Fuori Biennale d’arte è un mondo parallelo fatto di colori, materiali, suoni, immagini, sensazioni che vogliono comunicare la diversità dell’arte.
Creare un “fuori Biennale d’arte contemporanea” in una città unica come Venezia è un’occasione irripetibile e nello spesso tempo difficile da gestire, considerando gli intrecci di epoche, tematiche, materiali assolutamente diversi tra scatola (Venezia) e oggetto contenuto (l’opera d’arte). Gli spazi che la città offre agli artisti sono assolutamente magici e dialogano con essi in un infittirsi di rimandi crescenti creando un fervore di iniziative.
La città si risveglia e si offre in una veste sorprendente: ogni qualvolta si varca il portone di un palazzo inizia una nuova avventura.
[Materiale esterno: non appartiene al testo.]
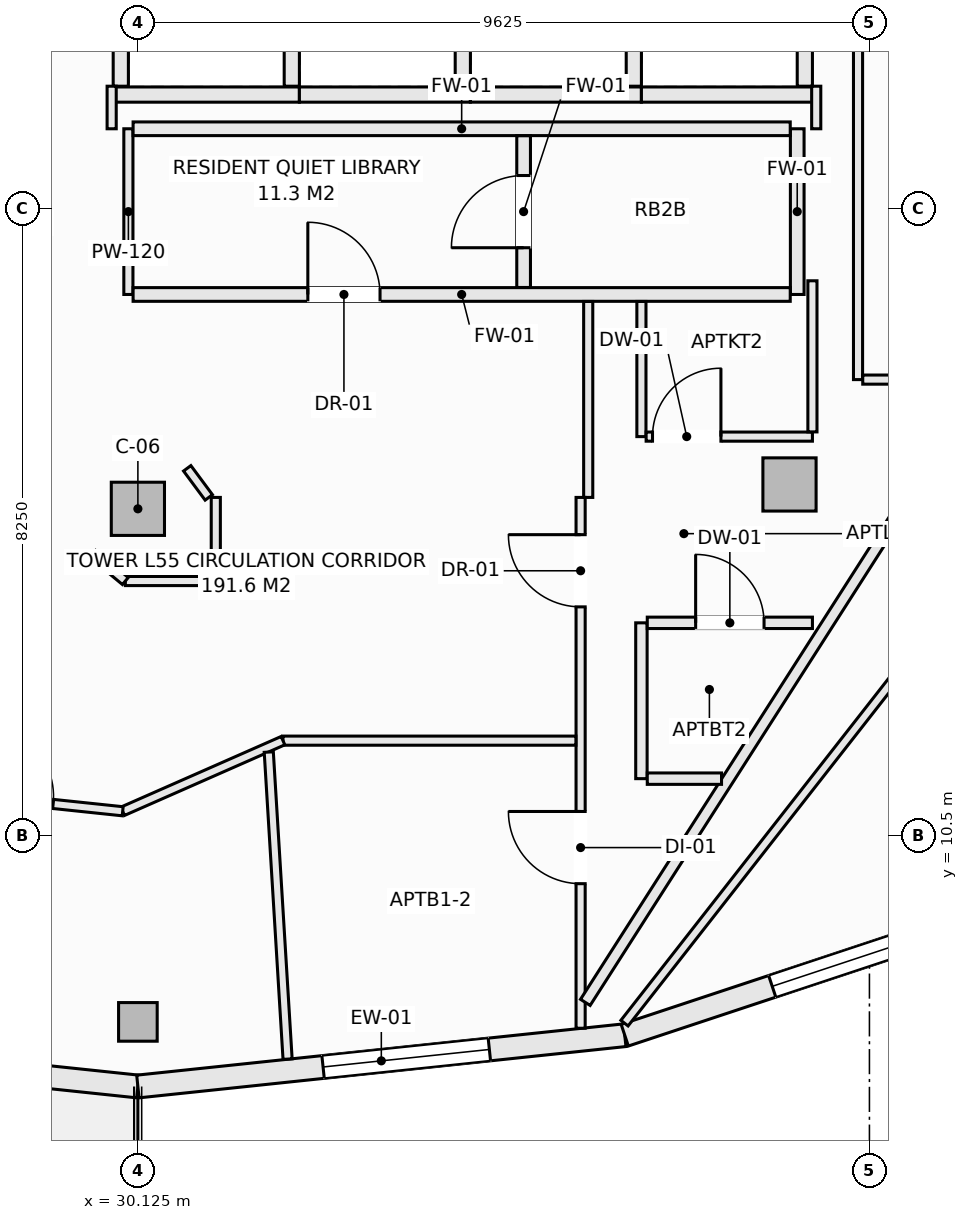
"""IFC4 building model, lengths in metres.
Left out: names, types, materials, properties, quantities, classifications, styles, units other than length and angle.
Written with IfcOpenShell. Run it as: python <this file> out.ifc"""

import sys

from ifc_helpers import new_model, si_unit, direction, frame, frame_2d, origin, origin_2d, place, context, subcontext, project, spatial, rectangle, hollow_rectangle, extrude, element, fill, save


model = new_model("IFC4")
c1 = context("Model", 3, precision=1e-05, world=origin(), true_north=direction((0.0, 1.0)))
c2 = subcontext(c1, "Body", "Model", "MODEL_VIEW")
j1 = project(units=[si_unit("LENGTHUNIT", "METRE"), si_unit("PLANEANGLEUNIT", "RADIAN")], contexts=[c1])
p1 = place(None, origin())
s1 = spatial("IfcSite", under=j1, at=p1, CompositionType="ELEMENT")
p2 = place(p1, origin())
s2 = spatial("IfcBuilding", under=s1, at=p2, CompositionType="ELEMENT")
p3 = place(p2, frame((0.0, 0.0, 209.6)))
s3 = spatial("IfcBuildingStorey", under=s2, at=p3, CompositionType="ELEMENT", Elevation=209.6)
p4 = place(p3, frame((30.125, 8.05, -0.27), z_axis=(0.0, 0.0, 1.0), x_axis=(1.0, 0.0, 0.0)))
e1 = element("IfcColumn", 1, at=p4, inside=s3, PredefinedType="COLUMN", context=c2, shape_type="SweptSolid", body=[
    extrude(hollow_rectangle(XDim=0.508, YDim=0.508, WallThickness=0.019, at=origin_2d()), origin(), (0.0, 0.0, 1.0), 3.3),
])
for number, where, z_axis, x_axis in (
    (2, (30.125, 14.8, -0.27), (0.0, 0.0, 1.0), (1.0, 0.0, 0.0)),
    (3, (38.698, 15.121, -0.27), (0.0, 0.0, 1.0), (1.0, 0.0, 0.0)),
):
    element("IfcColumn", number, at=place(p3, frame(where, z_axis=z_axis, x_axis=x_axis)), inside=s3, PredefinedType="COLUMN", context=c2, shape_type="SweptSolid", body=[
        extrude(rectangle(XDim=0.7, YDim=0.7, at=origin_2d()), origin(), (0.0, 0.0, 1.0), 3.3),
    ])
p5 = place(p3, frame((23.719, 7.875, 0.0), z_axis=(0.0, 0.0, 1.0), x_axis=(0.994497142298, -0.104763705363, 0.0)))
e4 = element("IfcWall", 4, at=p5, inside=s3, PredefinedType="SOLIDWALL", context=c2, shape_type="SweptSolid", body=[
    extrude(rectangle(XDim=6.441, YDim=0.3, at=frame_2d((3.221, 0.0))), origin(), (0.0, 0.0, 1.0), 2.605),
])
p6 = place(p5, frame((2.121, 0.0, 0.72)))
e5 = element("IfcOpeningElement", 5, at=p6, cuts=e4, PredefinedType="OPENING", context=c2, shape_type="SweptSolid", body=[
    extrude(rectangle(XDim=2.2, YDim=1.65, at=frame_2d((1.1, 0.825))), frame((0.0, 0.16, 0.0), z_axis=(0.0, -1.0, 0.0), x_axis=(1.0, 0.0, 0.0)), (0.0, 0.0, 1.0), 0.32),
])
p7 = place(p3, frame((30.125, 7.2, 0.0), z_axis=(0.0, 0.0, 1.0), x_axis=(0.994497142298, 0.104763705363, 0.0)))
e6 = element("IfcWall", 6, at=p7, inside=s3, PredefinedType="SOLIDWALL", context=c2, shape_type="SweptSolid", body=[
    extrude(rectangle(XDim=6.441, YDim=0.3, at=frame_2d((3.221, 0.0))), origin(), (0.0, 0.0, 1.0), 2.605),
])
p8 = place(p7, frame((2.45, 0.0, 0.72)))
e7 = element("IfcOpeningElement", 7, at=p8, cuts=e6, PredefinedType="OPENING", context=c2, shape_type="SweptSolid", body=[
    extrude(rectangle(XDim=2.2, YDim=1.65, at=frame_2d((1.1, 0.825))), frame((0.0, 0.16, 0.0), z_axis=(0.0, -1.0, 0.0), x_axis=(1.0, 0.0, 0.0)), (0.0, 0.0, 1.0), 0.32),
])
p9 = place(p3, frame((36.531, 7.875, 0.0), z_axis=(0.0, 0.0, 1.0), x_axis=(0.949240877604, 0.314550085495, 0.0)))
e8 = element("IfcWall", 8, at=p9, inside=s3, PredefinedType="SOLIDWALL", context=c2, shape_type="SweptSolid", body=[
    extrude(rectangle(XDim=6.288, YDim=0.3, at=frame_2d((3.144, 0.0))), origin(), (0.0, 0.0, 1.0), 2.605),
])
p10 = place(p9, frame((2.044, 0.0, 0.72)))
e9 = element("IfcOpeningElement", 9, at=p10, cuts=e8, PredefinedType="OPENING", context=c2, shape_type="SweptSolid", body=[
    extrude(rectangle(XDim=2.2, YDim=1.65, at=frame_2d((1.1, 0.825))), frame((0.0, 0.16, 0.0), z_axis=(0.0, -1.0, 0.0), x_axis=(1.0, 0.0, 0.0)), (0.0, 0.0, 1.0), 0.32),
])
p11 = place(p3, frame((29.8, 20.25, 0.0), z_axis=(0.0, 0.0, 1.0), x_axis=(1.0, 0.0, 0.0)))
e10 = element("IfcWall", 10, at=p11, inside=s3, PredefinedType="SOLIDWALL", context=c2, shape_type="SweptSolid", body=[
    extrude(rectangle(XDim=2.45, YDim=0.2, at=frame_2d((1.225, 0.0))), origin(), (0.0, 0.0, 1.0), 3.03),
])
for number, where, z_axis, x_axis in (
    (11, (29.9, 20.36, 0.0), (0.0, 0.0, 1.0), (0.0, 1.0, 0.0)),
    (12, (32.15, 20.36, 0.0), (0.0, 0.0, 1.0), (0.0, 1.0, 0.0)),
):
    element("IfcWall", number, at=place(p3, frame(where, z_axis=z_axis, x_axis=x_axis)), inside=s3, PredefinedType="SOLIDWALL", context=c2, shape_type="SweptSolid", body=[
        extrude(rectangle(XDim=2.43, YDim=0.2, at=frame_2d((1.215, 0.0))), origin(), (0.0, 0.0, 1.0), 3.03),
    ])
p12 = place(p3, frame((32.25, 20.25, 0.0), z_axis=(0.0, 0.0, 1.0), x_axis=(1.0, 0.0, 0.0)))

In una giornata come questa assaporo il bello di camminare per la labirintica Venezia, che mi disorienta e conduce, che ad ogni angolo mi regala nuove prospettive ed emozioni.
Le installazioni di cui parlare sarebbero innumerevoli, infatti non è bastata una giornata per scoprirle tutte (sono quarantadue i Paesi che hanno deciso di esporre nel centro storico), ma due più di tutte mi hanno colpita: una estremamente creativa e nostalgica (quella a cura di Ruggero Maggi) e una assolutamente tecnologica e sentimentale (l’installazione del Messico).
L’ingresso dell’installazione del Milan Art Center a cura di Ruggero Maggi è piuttosto inusuale. Mi trovo a percorrere una stretta strada nei pressi della chiesa dei Carmini e davanti a me compare un cartello che mi invita a fermarmi, ma intorno non c’è nulla, non capisco dove sia l’opera d’arte.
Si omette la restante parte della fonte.